Have you considered writing a plug-in for GIMP, which would allow GIMP-2.9 to open raw files using rawproc? RawTherapee, darktable, PhotoFlow, and also @partha 's version of nufraw all have example code to follow.
Yes, I removed the library you had problems with in Gentoo; it’s in the Ubuntu distros already. If any others have library issues with the AppImage in other distros, let me know.
Turns out for most things for which my family uses the images, 800x600 is all they need. That includes printed products such as calendars. They’re almost impossible to talk to about color management…
About the only way to do that I can contemplate short of writing a binary file-level library would be to use exiftool. For my favorite raw format, NEF, it has read/write capability. It also has a C/C++ API, so I can envision a “Save To…” menu option. Hmm, I’ll consider it for the next major rev.
Actually, yes, just last week I had to save a TIFF to take to GIMP, and the need for that very thing just sat on my desk and stuck it’s tongue out at me. Since rawproc uses 32-bit floats for its internal representation, it would be particularly nice to import that to >= GIMP 2.9 directly. I just added it to the rawproc Issues list in github.
The way I’m using working profiles now involves adding a colorspace tool as the first tool following opening the NEF as raw/linear from libraw, convert operation, relative_colorimetric inten. I’m using your Rec.2020 V4 g18 profile, and I’m finding the resulting images are quite nice without further modification. I save them to JPEG converted to a V2 SRGB g22 profile, and they seem to display consistently across all the computers to which I have access.
Now, none of this is available in the img command line program, but I’m starting to think about those modifications. However, one of the last mods I put into 0.6.2 was for rawproc to recognize img-generated JPEGs and TIFFs for the ‘Open Source’ menu, where the metadata is searched for a rawproc/img tool string and, if found, will open the original image and apply the tools to make the result image. I find this VERY useful for reviewing the img-generated 800x600 pictures; I can right-click->Edit in geeqie, select rawproc, and it’ll ask if I want to open the original NEF and re-apply the tool chain instead of just opening the JPEG.
Anyway, let me know if you find any other color management foo… Thanks!
I gave img then rawproc a tentative try last night and I must say that it loads the raw from [PlayRaw] Hawkcraig Pier very slowly (20-22s). In comparison, dcraw exports to TIF under 10s.
Hmm, I downloaded the image and opened it with the AppImage, took about 10sec on a AMD Phenom II with four cores. Here’s the CPU utilization; the left hump is the libraw open, and the right one is the conversion to the working profile. Interesting behavior on the open; it looks like the work is being swapped among processors. I struggled a bit to get libraw to compile wilth OpenMP on Windows targets, but I didn’t pay much attention to Linux, looks like I need to…

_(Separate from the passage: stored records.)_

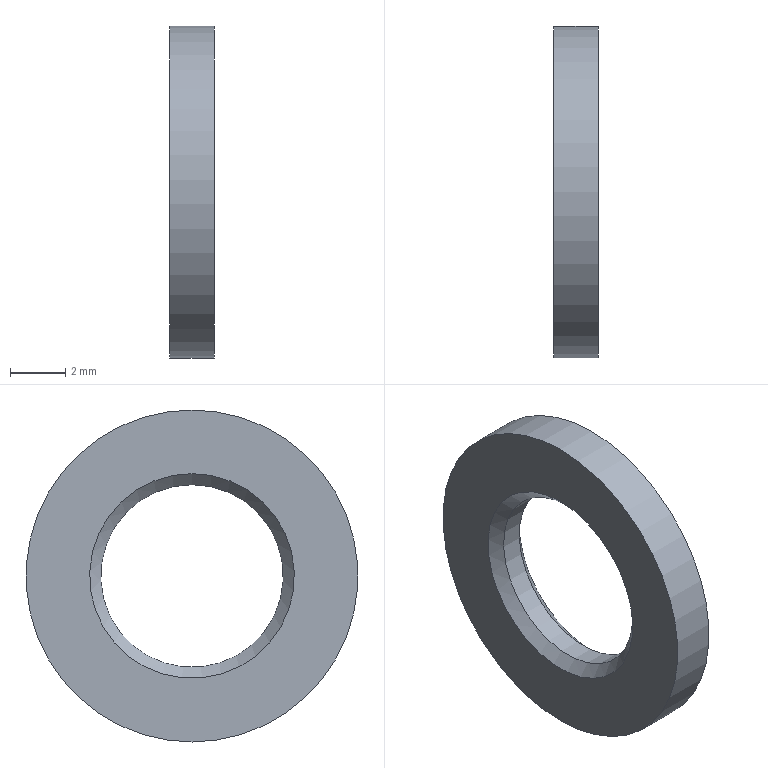Component | NX | WASHER_M6 | 1 solid | 6 faces | box 1.6 x 12 x 12 mm | volume 123 mm3 | cylinder 2 | plane 2 | cone 2 | commonest cylinder face diameters 12 x1 6.6 x1
STEP:
#1=CARTESIAN_POINT('',(0.,0.,0.));
#2=DIRECTION('',(0.,0.,1.));
#3=DIRECTION('',(1.,0.,0.));
#4=AXIS2_PLACEMENT_3D('',#1,#2,#3);
#5=CARTESIAN_POINT('',(10.307,66.5,-80.));
#6=VERTEX_POINT('',#5);
#7=CARTESIAN_POINT('',(10.307,66.5,-74.));
#8=DIRECTION('',(-1.,0.,0.));
#9=DIRECTION('',(0.,0.,-1.));
#10=AXIS2_PLACEMENT_3D('',#7,#8,#9);
#11=CIRCLE('',#10,6.);
#12=CARTESIAN_POINT('',(10.307,66.5,-74.));
#13=DIRECTION('',(-1.,0.,0.));
#14=DIRECTION('',(0.,0.,1.));
#15=AXIS2_PLACEMENT_3D('',#12,#13,#14);
#16=CYLINDRICAL_SURFACE('',#15,6.);
#17=CARTESIAN_POINT('',(3.142,0.));
#18=DIRECTION('',(1.,0.));
#19=VECTOR('',#18,1.);
#20=LINE('',#17,#19);
#21=(GEOMETRIC_REPRESENTATION_CONTEXT(2)PARAMETRIC_REPRESENTATION_CONTEXT()REPRESENTATION_CONTEXT('',''));
#22=DEFINITIONAL_REPRESENTATION('',(#20),#21);
#23=PCURVE('',#16,#22);
#24=CARTESIAN_POINT('',(10.307,66.5,-74.));
#25=DIRECTION('',(-1.,0.,0.));
#26=DIRECTION('',(0.,0.,1.));
#27=AXIS2_PLACEMENT_3D('',#24,#25,#26);
#28=PLANE('',#27);
#29=CARTESIAN_POINT('',(0.,0.));
#30=DIRECTION('',(-1.,0.));
#31=AXIS2_PLACEMENT_2D('',#29,#30);
#32=CIRCLE('',#31,6.);
#33=(GEOMETRIC_REPRESENTATION_CONTEXT(2)PARAMETRIC_REPRESENTATION_CONTEXT()REPRESENTATION_CONTEXT('',''));
#34=DEFINITIONAL_REPRESENTATION('',(#32),#33);
#35=PCURVE('',#28,#34);
#36=SURFACE_CURVE('',#11,(#23,#35),.PCURVE_S1.);
#37=EDGE_CURVE('',#6,#6,#36,.T.);
#38=ORIENTED_EDGE('',*,*,#37,.T.);
#39=CARTESIAN_POINT('',(8.707,66.5,-80.));
#40=VERTEX_POINT('',#39);
#41=CARTESIAN_POINT('',(10.307,66.5,-80.));
#42=CARTESIAN_POINT('',(8.707,66.5,-80.));
#43=B_SPLINE_CURVE_WITH_KNOTS('',1,(#41,#42),.UNSPECIFIED.,.F.,.F.,(2,2),(0.,1.6),.PIECEWISE_BEZIER_KNOTS.);
#44=CARTESIAN_POINT('',(9.425,0.));
#45=DIRECTION('',(0.,1.));
#46=VECTOR('',#45,1.);
#47=LINE('',#44,#46);
#48=(GEOMETRIC_REPRESENTATION_CONTEXT(2)PARAMETRIC_REPRESENTATION_CONTEXT()REPRESENTATION_CONTEXT('',''));
#49=DEFINITIONAL_REPRESENTATION('',(#47),#48);
#50=PCURVE('',#16,#49);
#51=CARTESIAN_POINT('',(3.142,0.));
#52=DIRECTION('',(0.,1.));
#53=VECTOR('',#52,1.);
#54=LINE('',#51,#53);
#55=(GEOMETRIC_REPRESENTATION_CONTEXT(2)PARAMETRIC_REPRESENTATION_CONTEXT()REPRESENTATION_CONTEXT('',''));
#56=DEFINITIONAL_REPRESENTATION('',(#54),#55);
#57=PCURVE('',#16,#56);
#58=SEAM_CURVE('',#43,(#50,#57),.PCURVE_S1.);
#59=EDGE_CURVE('',#6,#40,#58,.T.);
#60=ORIENTED_EDGE('',*,*,#59,.T.);
#61=CARTESIAN_POINT('',(8.707,66.5,-74.));
#62=DIRECTION('',(-1.,0.,0.));
#63=DIRECTION('',(0.,0.,-1.));
#64=AXIS2_PLACEMENT_3D('',#61,#62,#63);
#65=CIRCLE('',#64,6.);
#66=CARTESIAN_POINT('',(3.142,1.6));
#67=DIRECTION('',(1.,0.));
#68=VECTOR('',#67,1.);
#69=LINE('',#66,#68);
#70=(GEOMETRIC_REPRESENTATION_CONTEXT(2)PARAMETRIC_REPRESENTATION_CONTEXT()REPRESENTATION_CONTEXT('',''));
#71=DEFINITIONAL_REPRESENTATION('',(#69),#70);
#72=PCURVE('',#16,#71);
#73=CARTESIAN_POINT('',(8.707,66.5,-74.));
#74=DIRECTION('',(-1.,0.,0.));
#75=DIRECTION('',(0.,0.,1.));
#76=AXIS2_PLACEMENT_3D('',#73,#74,#75);
#77=PLANE('',#76);
#78=CARTESIAN_POINT('',(0.,0.));
#79=DIRECTION('',(-1.,0.));
#80=AXIS2_PLACEMENT_2D('',#78,#79);
#81=CIRCLE('',#80,6.);
#82=(GEOMETRIC_REPRESENTATION_CONTEXT(2)PARAMETRIC_REPRESENTATION_CONTEXT()REPRESENTATION_CONTEXT('',''));
#83=DEFINITIONAL_REPRESENTATION('',(#81),#82);
#84=PCURVE('',#77,#83);
#85=SURFACE_CURVE('',#65,(#72,#84),.PCURVE_S1.);
#86=EDGE_CURVE('',#40,#40,#85,.T.);
#87=ORIENTED_EDGE('',*,*,#86,.F.);
#88=ORIENTED_EDGE('',*,*,#59,.F.);
#89=EDGE_LOOP('',(#38,#60,#87,#88));
#90=FACE_BOUND('',#89,.T.);
#91=ADVANCED_FACE('',(#90),#16,.T.);
#92=CARTESIAN_POINT('',(9.907,66.5,-70.7));
#93=VERTEX_POINT('',#92);
#94=CARTESIAN_POINT('',(9.907,66.5,-74.));
#95=DIRECTION('',(1.,0.,0.));
#96=DIRECTION('',(0.,0.,1.));
#97=AXIS2_PLACEMENT_3D('',#94,#95,#96);
#98=CIRCLE('',#97,3.3);
#99=CARTESIAN_POINT('',(10.307,66.5,-74.));
#100=DIRECTION('',(-1.,0.,0.));
#101=DIRECTION('',(0.,0.,1.));
#102=AXIS2_PLACEMENT_3D('',#99,#100,#101);
#103=CYLINDRICAL_SURFACE('',#102,3.3);
#104=CARTESIAN_POINT('',(6.283,0.4));
#105=DIRECTION('',(-1.,0.));
#106=VECTOR('',#105,1.);
#107=LINE('',#104,#106);
#108=(GEOMETRIC_REPRESENTATION_CONTEXT(2)PARAMETRIC_REPRESENTATION_CONTEXT()REPRESENTATION_CONTEXT('',''));
#109=DEFINITIONAL_REPRESENTATION('',(#107),#108);
#110=PCURVE('',#103,#109);
#111=CARTESIAN_POINT('',(10.307,66.5,-74.));
#112=DIRECTION('',(1.,0.,0.));
#113=DIRECTION('',(0.,0.,-1.));
#114=AXIS2_PLACEMENT_3D('',#111,#112,#113);
#115=CONICAL_SURFACE('',#114,3.7,0.7854);
#116=CARTESIAN_POINT('',(3.142,-0.4));
#117=DIRECTION('',(1.,0.));
#118=VECTOR('',#117,1.);
#119=LINE('',#116,#118);
#120=(GEOMETRIC_REPRESENTATION_CONTEXT(2)PARAMETRIC_REPRESENTATION_CONTEXT()REPRESENTATION_CONTEXT('',''));
#121=DEFINITIONAL_REPRESENTATION('',(#119),#120);
#122=PCURVE('',#115,#121);
#123=SURFACE_CURVE('',#98,(#110,#122),.PCURVE_S1.);
#124=EDGE_CURVE('',#93,#93,#123,.T.);
#125=ORIENTED_EDGE('',*,*,#124,.F.);
#126=CARTESIAN_POINT('',(9.107,66.5,-70.7));
#127=VERTEX_POINT('',#126);
#128=CARTESIAN_POINT('',(9.907,66.5,-70.7));
#129=CARTESIAN_POINT('',(9.107,66.5,-70.7));
#130=B_SPLINE_CURVE_WITH_KNOTS('',1,(#128,#129),.UNSPECIFIED.,.F.,.F.,(2,2),(0.4,1.2),.PIECEWISE_BEZIER_KNOTS.);
#131=CARTESIAN_POINT('',(6.283,0.));
#132=DIRECTION('',(0.,1.));
#133=VECTOR('',#132,1.);
#134=LINE('',#131,#133);
#135=(GEOMETRIC_REPRESENTATION_CONTEXT(2)PARAMETRIC_REPRESENTATION_CONTEXT()REPRESENTATION_CONTEXT('',''));
#136=DEFINITIONAL_REPRESENTATION('',(#134),#135);
#137=PCURVE('',#103,#136);
#138=CARTESIAN_POINT('',(0.,0.));
#139=DIRECTION('',(0.,1.));
#140=VECTOR('',#139,1.);
#141=LINE('',#138,#140);
#142=(GEOMETRIC_REPRESENTATION_CONTEXT(2)PARAMETRIC_REPRESENTATION_CONTEXT()REPRESENTATION_CONTEXT('',''));
#143=DEFINITIONAL_REPRESENTATION('',(#141),#142);
#144=PCURVE('',#103,#143);
#145=SEAM_CURVE('',#130,(#137,#144),.PCURVE_S1.);
#146=EDGE_CURVE('',#93,#127,#145,.T.);
#147=ORIENTED_EDGE('',*,*,#146,.T.);
#148=CARTESIAN_POINT('',(9.107,66.5,-74.));
#149=DIRECTION('',(-1.,0.,0.));
#150=DIRECTION('',(0.,0.,1.));
#151=AXIS2_PLACEMENT_3D('',#148,#149,#150);
#152=CIRCLE('',#151,3.3);
#153=CARTESIAN_POINT('',(0.,1.2));
#154=DIRECTION('',(1.,0.));
#155=VECTOR('',#154,1.);
#156=LINE('',#153,#155);
#157=(GEOMETRIC_REPRESENTATION_CONTEXT(2)PARAMETRIC_REPRESENTATION_CONTEXT()REPRESENTATION_CONTEXT('',''));
#158=DEFINITIONAL_REPRESENTATION('',(#156),#157);
#159=PCURVE('',#103,#158);
#160=CARTESIAN_POINT('',(9.107,66.5,-74.));
#161=DIRECTION('',(-1.,0.,0.));
#162=DIRECTION('',(0.,0.,1.));
#163=AXIS2_PLACEMENT_3D('',#160,#161,#162);
#164=CONICAL_SURFACE('',#163,3.3,0.7854);
#165=CARTESIAN_POINT('',(0.,-0.));
#166=DIRECTION('',(1.,0.));
#167=VECTOR('',#166,1.);
#168=LINE('',#165,#167);
#169=(GEOMETRIC_REPRESENTATION_CONTEXT(2)PARAMETRIC_REPRESENTATION_CONTEXT()REPRESENTATION_CONTEXT('',''));
#170=DEFINITIONAL_REPRESENTATION('',(#168),#169);
#171=PCURVE('',#164,#170);
#172=SURFACE_CURVE('',#152,(#159,#171),.PCURVE_S1.);
#173=EDGE_CURVE('',#127,#127,#172,.T.);
#174=ORIENTED_EDGE('',*,*,#173,.F.);
#175=ORIENTED_EDGE('',*,*,#146,.F.);
#176=EDGE_LOOP('',(#125,#147,#174,#175));
#177=FACE_BOUND('',#176,.F.);
#178=ADVANCED_FACE('',(#177),#103,.F.);
#179=CARTESIAN_POINT('',(10.307,66.5,-70.3));
#180=VERTEX_POINT('',#179);
#181=CARTESIAN_POINT('',(10.307,66.5,-74.));
#182=DIRECTION('',(-1.,0.,0.));
#183=DIRECTION('',(0.,0.,1.));
#184=AXIS2_PLACEMENT_3D('',#181,#182,#183);
#185=CIRCLE('',#184,3.7);
#186=CARTESIAN_POINT('',(0.,0.));
#187=DIRECTION('',(1.,0.));
#188=AXIS2_PLACEMENT_2D('',#186,#187);
#189=CIRCLE('',#188,3.7);
#190=(GEOMETRIC_REPRESENTATION_CONTEXT(2)PARAMETRIC_REPRESENTATION_CONTEXT()REPRESENTATION_CONTEXT('',''));
#191=DEFINITIONAL_REPRESENTATION('',(#189),#190);
#192=PCURVE('',#28,#191);
#193=CARTESIAN_POINT('',(9.425,-0.));
#194=DIRECTION('',(-1.,0.));
#195=VECTOR('',#194,1.);
#196=LINE('',#193,#195);
#197=(GEOMETRIC_REPRESENTATION_CONTEXT(2)PARAMETRIC_REPRESENTATION_CONTEXT()REPRESENTATION_CONTEXT('',''));
#198=DEFINITIONAL_REPRESENTATION('',(#196),#197);
#199=PCURVE('',#115,#198);
#200=SURFACE_CURVE('',#185,(#192,#199),.PCURVE_S1.);
#201=EDGE_CURVE('',#180,#180,#200,.T.);
#202=ORIENTED_EDGE('',*,*,#201,.T.);
#203=EDGE_LOOP('',(#202));
#204=FACE_BOUND('',#203,.T.);
#205=ORIENTED_EDGE('',*,*,#37,.F.);
#206=EDGE_LOOP('',(#205));
#207=FACE_BOUND('',#206,.T.);
#208=ADVANCED_FACE('',(#204,#207),#28,.F.);
#209=CARTESIAN_POINT('',(8.707,66.5,-70.3));
#210=VERTEX_POINT('',#209);
#211=CARTESIAN_POINT('',(8.707,66.5,-74.));
#212=DIRECTION('',(1.,0.,0.));
#213=DIRECTION('',(0.,0.,1.));
#214=AXIS2_PLACEMENT_3D('',#211,#212,#213);
#215=CIRCLE('',#214,3.7);
#216=CARTESIAN_POINT('',(3.7,0.));
#217=CARTESIAN_POINT('',(3.7,-6.409));
#218=CARTESIAN_POINT('',(-1.85,-3.204));
#219=CARTESIAN_POINT('',(-7.4,-0.));
#220=CARTESIAN_POINT('',(-1.85,3.204));
#221=CARTESIAN_POINT('',(3.7,6.409));
#222=CARTESIAN_POINT('',(3.7,0.));
#223=(BOUNDED_CURVE()B_SPLINE_CURVE(2,(#216,#217,#218,#219,#220,#221,#222),.UNSPECIFIED.,.T.,.F.)B_SPLINE_CURVE_WITH_KNOTS((1,2,2,2,2,1),(-2.094,0.,2.094,4.189,6.283,8.378),.UNSPECIFIED.)CURVE()GEOMETRIC_REPRESENTATION_ITEM()RATIONAL_B_SPLINE_CURVE((1.,0.5,1.,0.5,1.,0.5,1.))REPRESENTATION_ITEM(''));
#224=(GEOMETRIC_REPRESENTATION_CONTEXT(2)PARAMETRIC_REPRESENTATION_CONTEXT()REPRESENTATION_CONTEXT('',''));
#225=DEFINITIONAL_REPRESENTATION('',(#223),#224);
#226=PCURVE('',#77,#225);
#227=CARTESIAN_POINT('',(6.283,0.4));
#228=DIRECTION('',(-1.,0.));
#229=VECTOR('',#228,1.);
#230=LINE('',#227,#229);
#231=(GEOMETRIC_REPRESENTATION_CONTEXT(2)PARAMETRIC_REPRESENTATION_CONTEXT()REPRESENTATION_CONTEXT('',''));
#232=DEFINITIONAL_REPRESENTATION('',(#230),#231);
#233=PCURVE('',#164,#232);
#234=SURFACE_CURVE('',#215,(#226,#233),.PCURVE_S1.);
#235=EDGE_CURVE('',#210,#210,#234,.T.);
#236=ORIENTED_EDGE('',*,*,#235,.T.);
#237=EDGE_LOOP('',(#236));
#238=FACE_BOUND('',#237,.T.);
#239=ORIENTED_EDGE('',*,*,#86,.T.);
#240=EDGE_LOOP('',(#239));
#241=FACE_BOUND('',#240,.T.);
#242=ADVANCED_FACE('',(#238,#241),#77,.T.);
#243=ORIENTED_EDGE('',*,*,#124,.T.);
#244=CARTESIAN_POINT('',(9.907,66.5,-70.7));
#245=CARTESIAN_POINT('',(10.307,66.5,-70.3));
#246=B_SPLINE_CURVE_WITH_KNOTS('',1,(#244,#245),.UNSPECIFIED.,.F.,.F.,(2,2),(-0.5657,-0.),.PIECEWISE_BEZIER_KNOTS.);
#247=CARTESIAN_POINT('',(9.425,0.));
#248=DIRECTION('',(0.,1.));
#249=VECTOR('',#248,1.);
#250=LINE('',#247,#249);
#251=(GEOMETRIC_REPRESENTATION_CONTEXT(2)PARAMETRIC_REPRESENTATION_CONTEXT()REPRESENTATION_CONTEXT('',''));
#252=DEFINITIONAL_REPRESENTATION('',(#250),#251);
#253=PCURVE('',#115,#252);
#254=CARTESIAN_POINT('',(3.142,0.));
#255=DIRECTION('',(0.,1.));
#256=VECTOR('',#255,1.);
#257=LINE('',#254,#256);
#258=(GEOMETRIC_REPRESENTATION_CONTEXT(2)PARAMETRIC_REPRESENTATION_CONTEXT()REPRESENTATION_CONTEXT('',''));
#259=DEFINITIONAL_REPRESENTATION('',(#257),#258);
#260=PCURVE('',#115,#259);
#261=SEAM_CURVE('',#246,(#253,#260),.PCURVE_S1.);
#262=EDGE_CURVE('',#93,#180,#261,.T.);
#263=ORIENTED_EDGE('',*,*,#262,.T.);
#264=ORIENTED_EDGE('',*,*,#201,.T.);
#265=ORIENTED_EDGE('',*,*,#262,.F.);
#266=EDGE_LOOP('',(#243,#263,#264,#265));
#267=FACE_BOUND('',#266,.F.);
#268=ADVANCED_FACE('',(#267),#115,.F.);
#269=ORIENTED_EDGE('',*,*,#235,.T.);
#270=CARTESIAN_POINT('',(9.107,66.5,-70.7));
#271=CARTESIAN_POINT('',(8.707,66.5,-70.3));
#272=B_SPLINE_CURVE_WITH_KNOTS('',1,(#270,#271),.UNSPECIFIED.,.F.,.F.,(2,2),(-0.,0.5657),.PIECEWISE_BEZIER_KNOTS.);
#273=CARTESIAN_POINT('',(0.,0.));
#274=DIRECTION('',(0.,1.));
#275=VECTOR('',#274,1.);
#276=LINE('',#273,#275);
#277=(GEOMETRIC_REPRESENTATION_CONTEXT(2)PARAMETRIC_REPRESENTATION_CONTEXT()REPRESENTATION_CONTEXT('',''));
#278=DEFINITIONAL_REPRESENTATION('',(#276),#277);
#279=PCURVE('',#164,#278);
#280=CARTESIAN_POINT('',(6.283,0.));
#281=DIRECTION('',(0.,1.));
#282=VECTOR('',#281,1.);
#283=LINE('',#280,#282);
#284=(GEOMETRIC_REPRESENTATION_CONTEXT(2)PARAMETRIC_REPRESENTATION_CONTEXT()REPRESENTATION_CONTEXT('',''));
#285=DEFINITIONAL_REPRESENTATION('',(#283),#284);
#286=PCURVE('',#164,#285);
#287=SEAM_CURVE('',#272,(#279,#286),.PCURVE_S1.);
#288=EDGE_CURVE('',#127,#210,#287,.T.);
#289=ORIENTED_EDGE('',*,*,#288,.F.);
#290=ORIENTED_EDGE('',*,*,#173,.T.);
#291=ORIENTED_EDGE('',*,*,#288,.T.);
#292=EDGE_LOOP('',(#269,#289,#290,#291));
#293=FACE_BOUND('',#292,.F.);
#294=ADVANCED_FACE('',(#293),#164,.F.);
#295=CLOSED_SHELL('',(#91,#178,#208,#242,#268,#294));
#296=MANIFOLD_SOLID_BREP('',#295);
#297=(LENGTH_UNIT()NAMED_UNIT(*)SI_UNIT(.MILLI.,.METRE.));
#298=UNCERTAINTY_MEASURE_WITH_UNIT(LENGTH_MEASURE(0.00001),#297,'','');
#299=(NAMED_UNIT(*)PLANE_ANGLE_UNIT()SI_UNIT($,.RADIAN.));
#300=(NAMED_UNIT(*)SI_UNIT($,.STERADIAN.)SOLID_ANGLE_UNIT());
#301=(GEOMETRIC_REPRESENTATION_CONTEXT(3)GLOBAL_UNCERTAINTY_ASSIGNED_CONTEXT((#298))GLOBAL_UNIT_ASSIGNED_CONTEXT((#297,#299,#300))REPRESENTATION_CONTEXT('',''));
#302=ADVANCED_BREP_SHAPE_REPRESENTATION('',(#4,#296),#301);

When img is working, the first step is 20-22s. The rest is negligible. In contrast, everything is done in dcraw in less than 10s. Maybe 5-8s; CMD doesn’t have a timer. I tried it on win7 with an Intel Core i3-2310M CPU @ 2.10GHz (two core) laptop. Note that when I first got it, it already felt slow even though it was an upgrade from my even lower powered systems at home. I know that not all computer parts are made equal…
First impressions:
Noticed that img is case sensitive. Maybe I am just used to insensitive CLI apps.
Noticed that img doesn’t overwrite files, at least when I use * in both input and output. Maybe offer to overwrite.
NL denoise never runs well on my computer. rawproc GUI just turns white and stalls. Maybe offer other cheaper options.
Case sensitivity is a unix thing. Or case insensitivity is a Windows thing. rawproc/img are cross-platform programs, so the unix convention overrides…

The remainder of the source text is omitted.